BigQuery
This page is a work in progress.
Google BigQuery (often shortened to ‘BQ’) is a cloud-based SQL data warehouse.
BigQuery is used by GDS for the storage and querying of a number of web analytics resources.
Resources
Understanding tables, datasets, and projects
In BigQuery, data is stored in tables, which are grouped together inside datasets. Datasets are organised into projects.
For example, our GOV.UK Universal Analytics data is sent to the govuk-bigquery-analytics.87773428.ga_sessions_intraday_YYYYMMDD
table three times a day. Here,
govuk-bigquery-analytics
is the project ID87773428
is the dataset namega_sessions_intraday_YYYYMMDD
is the table name
There are different types of tables that can be used to store data in BigQuery.
Our raw Google Analytics data, for example, is stored in a sharded table.
The name of each shard ends with the suffix YYYYMMDD
, representing the date in year-month-day format.
Partitioned tables are in use in other datasets, such as the flattened GOV.UK GA4 data.
Access
All GDS staff have access to core Google Analytics datasets by default.
Access to other projects and datasets will be granted to users when required.
To request access, please contact the #data-engineering Slack channel, stating what project or data you need access to, and what roles or permissions you require.
Roles
A role is a set of permissions. Users should only have the specific role or permissions they need to use the Google Cloud Platform.
Contact the Data Engineering community to ask for a role, permission or service account.
Common permissions we use for BigQuery access include:
- BigQuery Data Viewer
- BigQuery Job User
- BigQuery Read Session User
BigQuery Data Viewer allows the user to access and view data. When granted at the project level, this means the user can see all the data held within a project. This does not allow the user to query the data from within that project - a user granted only Data Viewer permissions to a given project would need to query the data from a different project.
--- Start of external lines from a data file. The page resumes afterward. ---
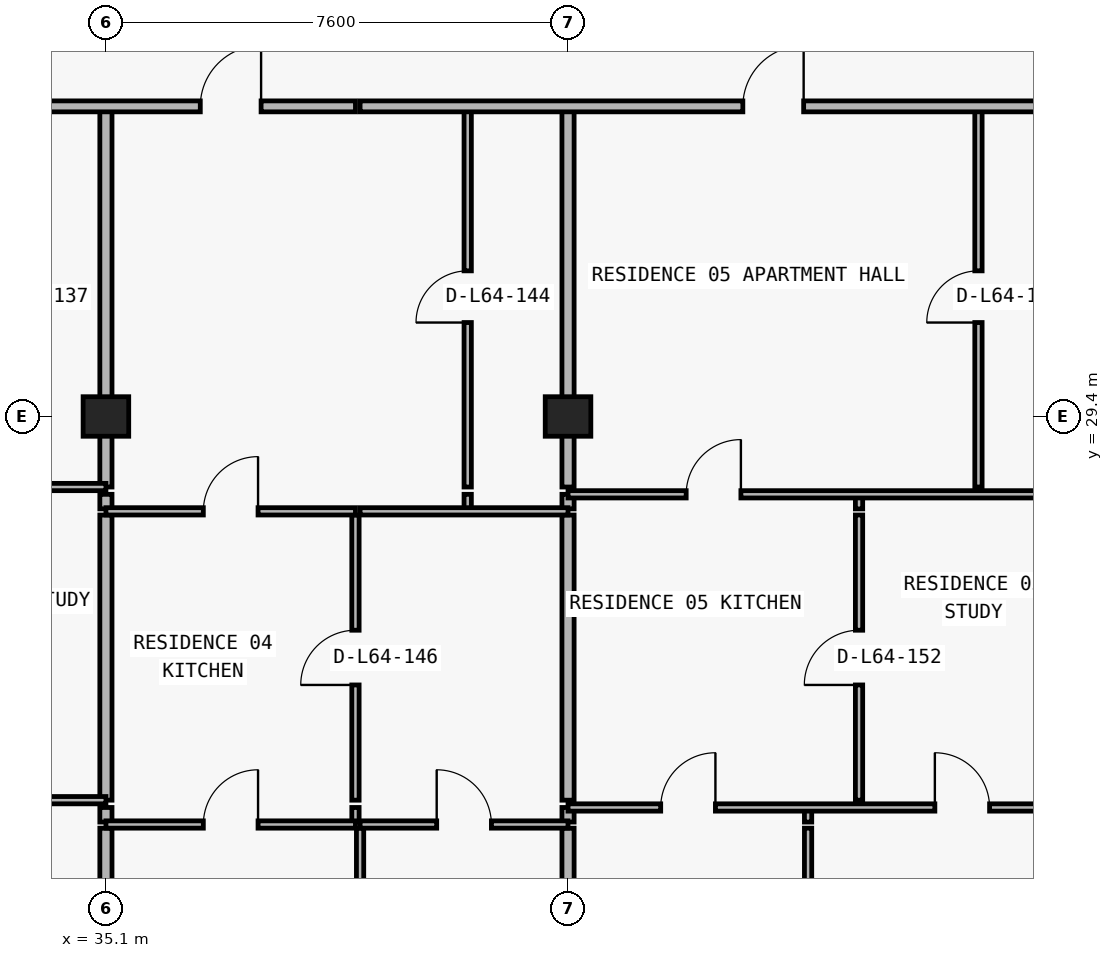
"""IFC4 building model, lengths in metres.
Left out: names, types, materials, properties, quantities, classifications, styles, units other than length and angle.
Written with IfcOpenShell. Run it as: python <this file> out.ifc"""

import sys

from ifc_helpers import new_model, si_unit, direction, frame, frame_2d, origin, origin_2d, place, context, subcontext, project, spatial, rectangle, extrude, element, fill, save


model = new_model("IFC4")
c1 = context("Model", 3, precision=1e-05, world=origin(), true_north=direction((0.0, 1.0)))
c2 = subcontext(c1, "Body", "Model", "MODEL_VIEW")
j1 = project(units=[si_unit("LENGTHUNIT", "METRE"), si_unit("PLANEANGLEUNIT", "RADIAN")], contexts=[c1])
p1 = place(None, origin())
s1 = spatial("IfcSite", under=j1, at=p1, CompositionType="ELEMENT")
p2 = place(p1, origin())
s2 = spatial("IfcBuilding", under=s1, at=p2, CompositionType="ELEMENT")
p3 = place(p2, frame((0.0, 0.0, 229.8)))
s3 = spatial("IfcBuildingStorey", under=s2, at=p3, CompositionType="ELEMENT", Elevation=229.8)
for number, where, z_axis, x_axis in (
    (1, (35.1, 29.4, 0.0), (0.0, 0.0, 1.0), (1.0, 0.0, 0.0)),
    (2, (42.7, 29.4, 0.0), (0.0, 0.0, 1.0), (1.0, 0.0, 0.0)),
):
    element("IfcColumn", number, at=place(p3, frame(where, z_axis=z_axis, x_axis=x_axis)), inside=s3, PredefinedType="COLUMN", context=c2, shape_type="SweptSolid", body=[
        extrude(rectangle(XDim=0.75, YDim=0.65, at=origin_2d()), origin(), (0.0, 0.0, 1.0), 3.05),
    ])
p4 = place(p3, frame((35.1, 13.34, 0.0), z_axis=(0.0, 0.0, 1.0), x_axis=(0.0, 1.0, 0.0)))
e3 = element("IfcWall", 3, at=p4, inside=s3, PredefinedType="PARTITIONING", context=c2, shape_type="SweptSolid", body=[
    extrude(rectangle(XDim=9.29, YDim=0.2, at=frame_2d((4.645, 0.0))), origin(), (0.0, 0.0, 1.0), 2.263),
])
p5 = place(p3, frame((35.1, 22.73, 0.0), z_axis=(0.0, 0.0, 1.0), x_axis=(0.0, 1.0, 0.0)))
e4 = element("IfcWall", 4, at=p5, inside=s3, PredefinedType="PARTITIONING", context=c2, shape_type="SweptSolid", body=[
    extrude(rectangle(XDim=0.24, YDim=0.2, at=frame_2d((0.12, 0.0))), origin(), (0.0, 0.0, 1.0), 2.263),
])
p6 = place(p3, frame((35.1, 23.09, 0.0), z_axis=(0.0, 0.0, 1.0), x_axis=(0.0, 1.0, 0.0)))
e5 = element("IfcWall", 5, at=p6, inside=s3, PredefinedType="PARTITIONING", context=c2, shape_type="SweptSolid", body=[
    extrude(rectangle(XDim=4.69, YDim=0.2, at=frame_2d((2.345, 0.0))), origin(), (0.0, 0.0, 1.0), 2.263),
])
p7 = place(p3, frame((35.1, 27.88, 0.0), z_axis=(0.0, 0.0, 1.0), x_axis=(0.0, 1.0, 0.0)))
e6 = element("IfcWall", 6, at=p7, inside=s3, PredefinedType="PARTITIONING", context=c2, shape_type="SweptSolid", body=[
    extrude(rectangle(XDim=0.24, YDim=0.2, at=frame_2d((0.12, 0.0))), origin(), (0.0, 0.0, 1.0), 2.263),
])
p8 = place(p3, frame((35.1, 28.24, 0.0), z_axis=(0.0, 0.0, 1.0), x_axis=(0.0, 1.0, 0.0)))
e7 = element("IfcWall", 7, at=p8, inside=s3, PredefinedType="PARTITIONING", context=c2, shape_type="SweptSolid", body=[
    extrude(rectangle(XDim=6.26, YDim=0.2, at=frame_2d((3.13, 0.0))), origin(), (0.0, 0.0, 1.0), 2.263),
])
p9 = place(p3, frame((39.204, 22.73, 0.0), z_axis=(0.0, 0.0, 1.0), x_axis=(0.0, 1.0, 0.0)))
e8 = element("IfcWall", 8, at=p9, inside=s3, PredefinedType="PARTITIONING", context=c2, shape_type="SweptSolid", body=[
    extrude(rectangle(XDim=0.24, YDim=0.12, at=frame_2d((0.12, 0.0))), origin(), (0.0, 0.0, 1.0), 3.05),
])
p10 = place(p3, frame((39.204, 23.09, 0.0), z_axis=(0.0, 0.0, 1.0), x_axis=(0.0, 1.0, 0.0)))
e9 = element("IfcWall", 9, at=p10, inside=s3, PredefinedType="PARTITIONING", context=c2, shape_type="SweptSolid", body=[
    extrude(rectangle(XDim=4.69, YDim=0.12, at=frame_2d((2.345, 0.0))), origin(), (0.0, 0.0, 1.0), 3.05),
])
p11 = place(p10, frame((1.895, 0.0, 0.0)))
e10 = element("IfcOpeningElement", 10, at=p11, cuts=e9, PredefinedType="OPENING", context=c2, shape_type="SweptSolid", body=[
    extrude(rectangle(XDim=0.9, YDim=2.15, at=frame_2d((0.45, 1.075))), frame((0.0, 0.07, 0.0), z_axis=(0.0, -1.0, 0.0), x_axis=(1.0, 0.0, 0.0)), (0.0, 0.0, 1.0), 0.14),
])
p12 = place(p3, frame((39.28, 13.34, 0.0), z_axis=(0.0, 0.0, 1.0), x_axis=(0.0, 1.0, 0.0)))
e11 = element("IfcWall", 11, at=p12, inside=s3, PredefinedType="PARTITIONING", context=c2, shape_type="SweptSolid", body=[
    extrude(rectangle(XDim=9.29, YDim=0.12, at=frame_2d((4.645, 0.0))), origin(), (0.0, 0.0, 1.0), 3.05),
])
p13 = place(p3, frame((41.05, 27.88, 0.0), z_axis=(0.0, 0.0, 1.0), x_axis=(0.0, 1.0, 0.0)))
e12 = element("IfcWall", 12, at=p13, inside=s3, PredefinedType="PARTITIONING", context=c2, shape_type="SweptSolid", body=[
    extrude(rectangle(XDim=0.24, YDim=0.12, at=frame_2d((0.12, 0.0))), origin(), (0.0, 0.0, 1.0), 3.05),
])
p14 = place(p3, frame((41.05, 28.24, 0.0), z_axis=(0.0, 0.0, 1.0), x_axis=(0.0, 1.0, 0.0)))
e13 = element("IfcWall", 13, at=p14, inside=s3, PredefinedType="PARTITIONING", context=c2, shape_type="SweptSolid", body=[
    extrude(rectangle(XDim=6.26, YDim=0.12, at=frame_2d((3.13, 0.0))), origin(), (0.0, 0.0, 1.0), 3.05),
])
p15 = place(p14, frame((2.705, 0.0, 0.0)))
e14 = element("IfcOpeningElement", 14, at=p15, cuts=e13, PredefinedType="OPENING", context=c2, shape_type="SweptSolid", body=[
    extrude(rectangle(XDim=0.85, YDim=2.1, at=frame_2d((0.425, 1.05))), frame((0.0, 0.07, 0.0), z_axis=(0.0, -1.0, 0.0), x_axis=(1.0, 0.0, 0.0)), (0.0, 0.0, 1.0), 0.14),
])
p16 = place(p3, frame((42.7, 13.34, 0.0), z_axis=(0.0, 0.0, 1.0), x_axis=(0.0, 1.0, 0.0)))
e15 = element("IfcWall", 15, at=p16, inside=s3, PredefinedType="PARTITIONING", context=c2, shape_type="SweptSolid", body=[
    extrude(rectangle(XDim=9.29, YDim=0.2, at=frame_2d((4.645, 0.0))), origin(), (0.0, 0.0, 1.0), 2.263),
])
p17 = place(p3, frame((42.7, 22.73, 0.0), z_axis=(0.0, 0.0, 1.0), x_axis=(0.0, 1.0, 0.0)))
e16 = element("IfcWall", 16, at=p17, inside=s3, PredefinedType="PARTITIONING", context=c2, shape_type="SweptSolid", body=[
    extrude(rectangle(XDim=0.24, YDim=0.2, at=frame_2d((0.12, 0.0))), origin(), (0.0, 0.0, 1.0), 2.263),
])
p18 = place(p3, frame((42.7, 23.09, 0.0), z_axis=(0.0, 0.0, 1.0), x_axis=(0.0, 1.0, 0.0)))
e17 = element("IfcWall", 17, at=p18, inside=s3, PredefinedType="PARTITIONING", context=c2, shape_type="SweptSolid", body=[
    extrude(rectangle(XDim=4.69, YDim=0.2, at=frame_2d((2.345, 0.0))), origin(), (0.0, 0.0, 1.0), 2.263),
])
p19 = place(p3, frame((42.7, 27.88, 0.0), z_axis=(0.0, 0.0, 1.0), x_axis=(0.0, 1.0, 0.0)))
e18 = element("IfcWall", 18, at=p19, inside=s3, PredefinedType="PARTITIONING", context=c2, shape_type="SweptSolid", body=[
    extrude(rectangle(XDim=0.24, YDim=0.2, at=frame_2d((0.12, 0.0))), origin(), (0.0, 0.0, 1.0), 2.263),
])
p20 = place(p3, frame((42.7, 28.24, 0.0), z_axis=(0.0, 0.0, 1.0), x_axis=(0.0, 1.0, 0.0)))
e19 = element("IfcWall", 19, at=p20, inside=s3, PredefinedType="PARTITIONING", context=c2, shape_type="SweptSolid", body=[
    extrude(rectangle(XDim=6.26, YDim=0.2, at=frame_2d((3.13, 0.0))), origin(), (0.0, 0.0, 1.0), 2.263),
])
p21 = place(p3, frame((46.648, 13.34, 0.0), z_axis=(0.0, 0.0, 1.0), x_axis=(0.0, 1.0, 0.0)))
e20 = element("IfcWall", 20, at=p21, inside=s3, PredefinedType="PARTITIONING", context=c2, shape_type="SweptSolid", body=[
    extrude(rectangle(XDim=9.29, YDim=0.12, at=frame_2d((4.645, 0.0))), origin(), (0.0, 0.0, 1.0), 3.05),
])
p22 = place(p3, frame((46.648, 22.73, 0.0), z_axis=(0.0, 0.0, 1.0), x_axis=(0.0, 1.0, 0.0)))
e21 = element("IfcWall", 21, at=p22, inside=s3, PredefinedType="PARTITIONING", context=c2, shape_type="SweptSolid", body=[
    extrude(rectangle(XDim=0.24, YDim=0.12, at=frame_2d((0.12, 0.0))), origin(), (0.0, 0.0, 1.0), 3.05),
])
p23 = place(p3, frame((47.486, 23.09, 0.0), z_axis=(0.0, 0.0, 1.0), x_axis=(0.0, 1.0, 0.0)))
e22 = element("IfcWall", 22, at=p23, inside=s3, PredefinedType="PARTITIONING", context=c2, shape_type="SweptSolid", body=[
    extrude(rectangle(XDim=4.69, YDim=0.12, at=frame_2d((2.345, 0.0))), origin(), (0.0, 0.0, 1.0), 3.05),
])
p24 = place(p23, frame((1.895, 0.0, 0.0)))
e23 = element("IfcOpeningElement", 23, at=p24, cuts=e22, PredefinedType="OPENING", context=c2, shape_type="SweptSolid", body=[
    extrude(rectangle(XDim=0.9, YDim=2.15, at=frame_2d((0.45, 1.075))), frame((0.0, 0.07, 0.0), z_axis=(0.0, -1.0, 0.0), x_axis=(1.0, 0.0, 0.0)), (0.0, 0.0, 1.0), 0.14),
])
p25 = place(p3, frame((47.486, 27.88, 0.0), z_axis=(0.0, 0.0, 1.0), x_axis=(0.0, 1.0, 0.0)))
e24 = element("IfcWall", 24, at=p25, inside=s3, PredefinedType="PARTITIONING", context=c2, shape_type="SweptSolid", body=[
    extrude(rectangle(XDim=0.24, YDim=0.12, at=frame_2d((0.12, 0.0))), origin(), (0.0, 0.0, 1.0), 3.05),
])
p26 = place(p3, frame((49.45, 28.24, 0.0), z_axis=(0.0, 0.0, 1.0), x_axis=(0.0, 1.0, 0.0)))
e25 = element("IfcWall", 25, at=p26, inside=s3, PredefinedType="PARTITIONING", context=c2, shape_type="SweptSolid", body=[
    extrude(rectangle(XDim=6.26, YDim=0.12, at=frame_2d((3.13, 0.0))), origin(), (0.0, 0.0, 1.0), 3.05),
])
p27 = place(p26, frame((2.705, 0.0, 0.0)))
e26 = element("IfcOpeningElement", 26, at=p27, cuts=e25, PredefinedType="OPENING", context=c2, shape_type="SweptSolid", body=[
    extrude(rectangle(XDim=0.85, YDim=2.1, at=frame_2d((0.425, 1.05))), frame((0.0, 0.07, 0.0), z_axis=(0.0, -1.0, 0.0), x_axis=(1.0, 0.0, 0.0)), (0.0, 0.0, 1.0), 0.14),
])
p28 = place(p3, frame((35.1, 22.69, 0.0), z_axis=(0.0, 0.0, 1.0), x_axis=(1.0, 0.0, 0.0)))
e27 = element("IfcWall", 27, at=p28, inside=s3, PredefinedType="PARTITIONING", context=c2, shape_type="SweptSolid", body=[
    extrude(rectangle(XDim=4.104, YDim=0.12, at=frame_2d((2.052, 0.0))), origin(), (0.0, 0.0, 1.0), 3.05),
])
p29 = place(p28, frame((1.602, 0.0, 0.0)))
e28 = element("IfcOpeningElement", 28, at=p29, cuts=e27, PredefinedType="OPENING", context=c2, shape_type="SweptSolid", body=[
    extrude(rectangle(XDim=0.9, YDim=2.15, at=frame_2d((0.45, 1.075))), frame((0.0, 0.07, 0.0), z_axis=(0.0, -1.0, 0.0), x_axis=(1.0, 0.0, 0.0)), (0.0, 0.0, 1.0), 0.14),
])
p30 = place(p3, frame((39.28, 22.69, 0.0), z_axis=(0.0, 0.0, 1.0), x_axis=(1.0, 0.0, 0.0)))
e29 = element("IfcWall", 29, at=p30, inside=s3, PredefinedType="PARTITIONING", context=c2, shape_type="SweptSolid", body=[
    extrude(rectangle(XDim=3.42, YDim=0.12, at=frame_2d((1.71, 0.0))), origin(), (0.0, 0.0, 1.0), 3.05),
])
p31 = place(p30, frame((1.26, 0.0, 0.0)))
e30 = element("IfcOpeningElement", 30, at=p31, cuts=e29, PredefinedType="OPENING", context=c2, shape_type="SweptSolid", body=[
    extrude(rectangle(XDim=0.9, YDim=2.15, at=frame_2d((0.45, 1.075))), frame((0.0, 0.07, 0.0), z_axis=(0.0, -1.0, 0.0), x_axis=(1.0, 0.0, 0.0)), (0.0, 0.0, 1.0), 0.14),
])
p32 = place(p3, frame((42.7, 22.97, 0.0), z_axis=(0.0, 0.0, 1.0), x_axis=(1.0, 0.0, 0.0)))
e31 = element("IfcWall", 31, at=p32, inside=s3, PredefinedType="PARTITIONING", context=c2, shape_type="SweptSolid", body=[
    extrude(rectangle(XDim=8.18, YDim=0.12, at=frame_2d((4.09, 0.0))), origin(), (0.0, 0.0, 1.0), 3.05),
])
p33 = place(p32, frame((1.524, 0.0, 0.0)))
e32 = element("IfcOpeningElement", 32, at=p33, cuts=e31, PredefinedType="OPENING", context=c2, shape_type="SweptSolid", body=[
    extrude(rectangle(XDim=0.9, YDim=2.15, at=frame_2d((0.45, 1.075))), frame((0.0, 0.07, 0.0), z_axis=(0.0, -1.0, 0.0), x_axis=(1.0, 0.0, 0.0)), (0.0, 0.0, 1.0), 0.14),
])
p34 = place(p32, frame((6.033, 0.0, 0.0)))
e33 = element("IfcOpeningElement", 33, at=p34, cuts=e31, PredefinedType="OPENING", context=c2, shape_type="SweptSolid", body=[
    extrude(rectangle(XDim=0.9, YDim=2.15, at=frame_2d((0.45, 1.075))), frame((0.0, 0.07, 0.0), z_axis=(0.0, -1.0, 0.0), x_axis=(1.0, 0.0, 0.0)), (0.0, 0.0, 1.0), 0.14),
])
p35 = place(p3, frame((26.92, 23.09, 0.0), z_axis=(0.0, 0.0, 1.0), x_axis=(1.0, 0.0, 0.0)))
e34 = element("IfcWall", 34, at=p35, inside=s3, PredefinedType="PARTITIONING", context=c2, shape_type="SweptSolid", body=[
    extrude(rectangle(XDim=8.18, YDim=0.12, at=frame_2d((4.09, 0.0))), origin(), (0.0, 0.0, 1.0), 3.05),
])
p36 = place(p35, frame((1.414, 0.0, 0.0)))
e35 = element("IfcOpeningElement", 35, at=p36, cuts=e34, PredefinedType="OPENING", context=c2, shape_type="SweptSolid", body=[
    extrude(rectangle(XDim=0.9, YDim=2.15, at=frame_2d((0.45, 1.075))), frame((0.0, 0.07, 0.0), z_axis=(0.0, -1.0, 0.0), x_axis=(1.0, 0.0, 0.0)), (0.0, 0.0, 1.0), 0.14),
])
p37 = place(p35, frame((5.673, 0.0, 0.0)))
e36 = element("IfcOpeningElement", 36, at=p37, cuts=e34, PredefinedType="OPENING", context=c2, shape_type="SweptSolid", body=[
    extrude(rectangle(XDim=0.9, YDim=2.15, at=frame_2d((0.45, 1.075))), frame((0.0, 0.07, 0.0), z_axis=(0.0, -1.0, 0.0), x_axis=(1.0, 0.0, 0.0)), (0.0, 0.0, 1.0), 0.14),
])
p38 = place(p3, frame((35.1, 27.84, 0.0), z_axis=(0.0, 0.0, 1.0), x_axis=(1.0, 0.0, 0.0)))
e37 = element("IfcWall", 37, at=p38, inside=s3, PredefinedType="PARTITIONING", context=c2, shape_type="SweptSolid", body=[
    extrude(rectangle(XDim=4.104, YDim=0.12, at=frame_2d((2.052, 0.0))), origin(), (0.0, 0.0, 1.0), 3.05),
])
p39 = place(p38, frame((1.602, 0.0, 0.0)))
e38 = element("IfcOpeningElement", 38, at=p39, cuts=e37, PredefinedType="OPENING", context=c2, shape_type="SweptSolid", body=[
    extrude(rectangle(XDim=0.9, YDim=2.15, at=frame_2d((0.45, 1.075))), frame((0.0, 0.07, 0.0), z_axis=(0.0, -1.0, 0.0), x_axis=(1.0, 0.0, 0.0)), (0.0, 0.0, 1.0), 0.14),
])
p40 = place(p3, frame((39.28, 27.84, 0.0), z_axis=(0.0, 0.0, 1.0), x_axis=(1.0, 0.0, 0.0)))
e39 = element("IfcWall", 39, at=p40, inside=s3, PredefinedType="PARTITIONING", context=c2, shape_type="SweptSolid", body=[
    extrude(rectangle(XDim=3.42, YDim=0.12, at=frame_2d((1.71, 0.0))), origin(), (0.0, 0.0, 1.0), 3.05),
])
p41 = place(p3, frame((42.7, 28.12, 0.0), z_axis=(0.0, 0.0, 1.0), x_axis=(1.0, 0.0, 0.0)))
e40 = element("IfcWall", 40, at=p41, inside=s3, PredefinedType="PARTITIONING", context=c2, shape_type="SweptSolid", body=[
    extrude(rectangle(XDim=8.18, YDim=0.12, at=frame_2d((4.09, 0.0))), origin(), (0.0, 0.0, 1.0), 3.05),
])
p42 = place(p41, frame((1.943, 0.0, 0.0)))
e41 = element("IfcOpeningElement", 41, at=p42, cuts=e40, PredefinedType="OPENING", context=c2, shape_type="SweptSolid", body=[
    extrude(rectangle(XDim=0.9, YDim=2.15, at=frame_2d((0.45, 1.075))), frame((0.0, 0.07, 0.0), z_axis=(0.0, -1.0, 0.0), x_axis=(1.0, 0.0, 0.0)), (0.0, 0.0, 1.0), 0.14),
])
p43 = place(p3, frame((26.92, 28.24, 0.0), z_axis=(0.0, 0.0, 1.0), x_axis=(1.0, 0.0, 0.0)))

This permission can also be applied at dataset level.
BigQuery Job User grants the user the ability to run queries from the project in question. The data being queried could be held in a different project but the query cost is allocated to the querying project.
BigQuery Read Session User permissions are required if the Storage Read API is used when querying.
More information on roles and IAM permissions can be found in the Google Cloud documentation.
Quotas
Several projects have quotas in place to limit the amount of data that can be queried. This limits our exposure to high costs from large queries and provides a safety net for those working with the data, as you can only wrack up so much in query costs. Details of specific quotas can be found under the project name on the GCP page.
The aim of these quotas is not to inhibit use of the data we store. Please contact the Data Engineering community if quotas appear to be getting in the way of your work.
Sometimes, it appears that users can trigger queries which surpass quotas in place. We believe that this happens when a number of queries (which individually do not pass the quota, but do together) are added to the queue and run concurrently by BigQuery. BigQuery uses dynamic concurrency, so a number of queries can be run simultaneously. We think that the quota check occurs before a query is moved to ‘Active’.
Quotas and Looker Studio
Looker Studio, as well as other reporting or visualisation tools, seems to be very ‘data hungry’.
One issue occurs when setting up new data connections.
When Looker Studio connects to a sharded table for the first time, it runs a series of queries that references all shards.
The queries are for a small number fields each (4 or 5), and these queries are run multiple times until all fields have been retrieved - essentially running SELECT * FROM * LIMIT 100
.
This does not appear to be the case when using an existing data connection. When using an existing data connection, Looker Studio respects the table_suffix and default date range within the report.
For this reason, we recommend that where possible shared pre-existing data connections are used in Looker Studio.
Some best practice for using Looker Studio with BigQuery data can be found on the Looker Studio best practice page (written for those using GA4 data, but the advice is likely to hold true for other large datasets).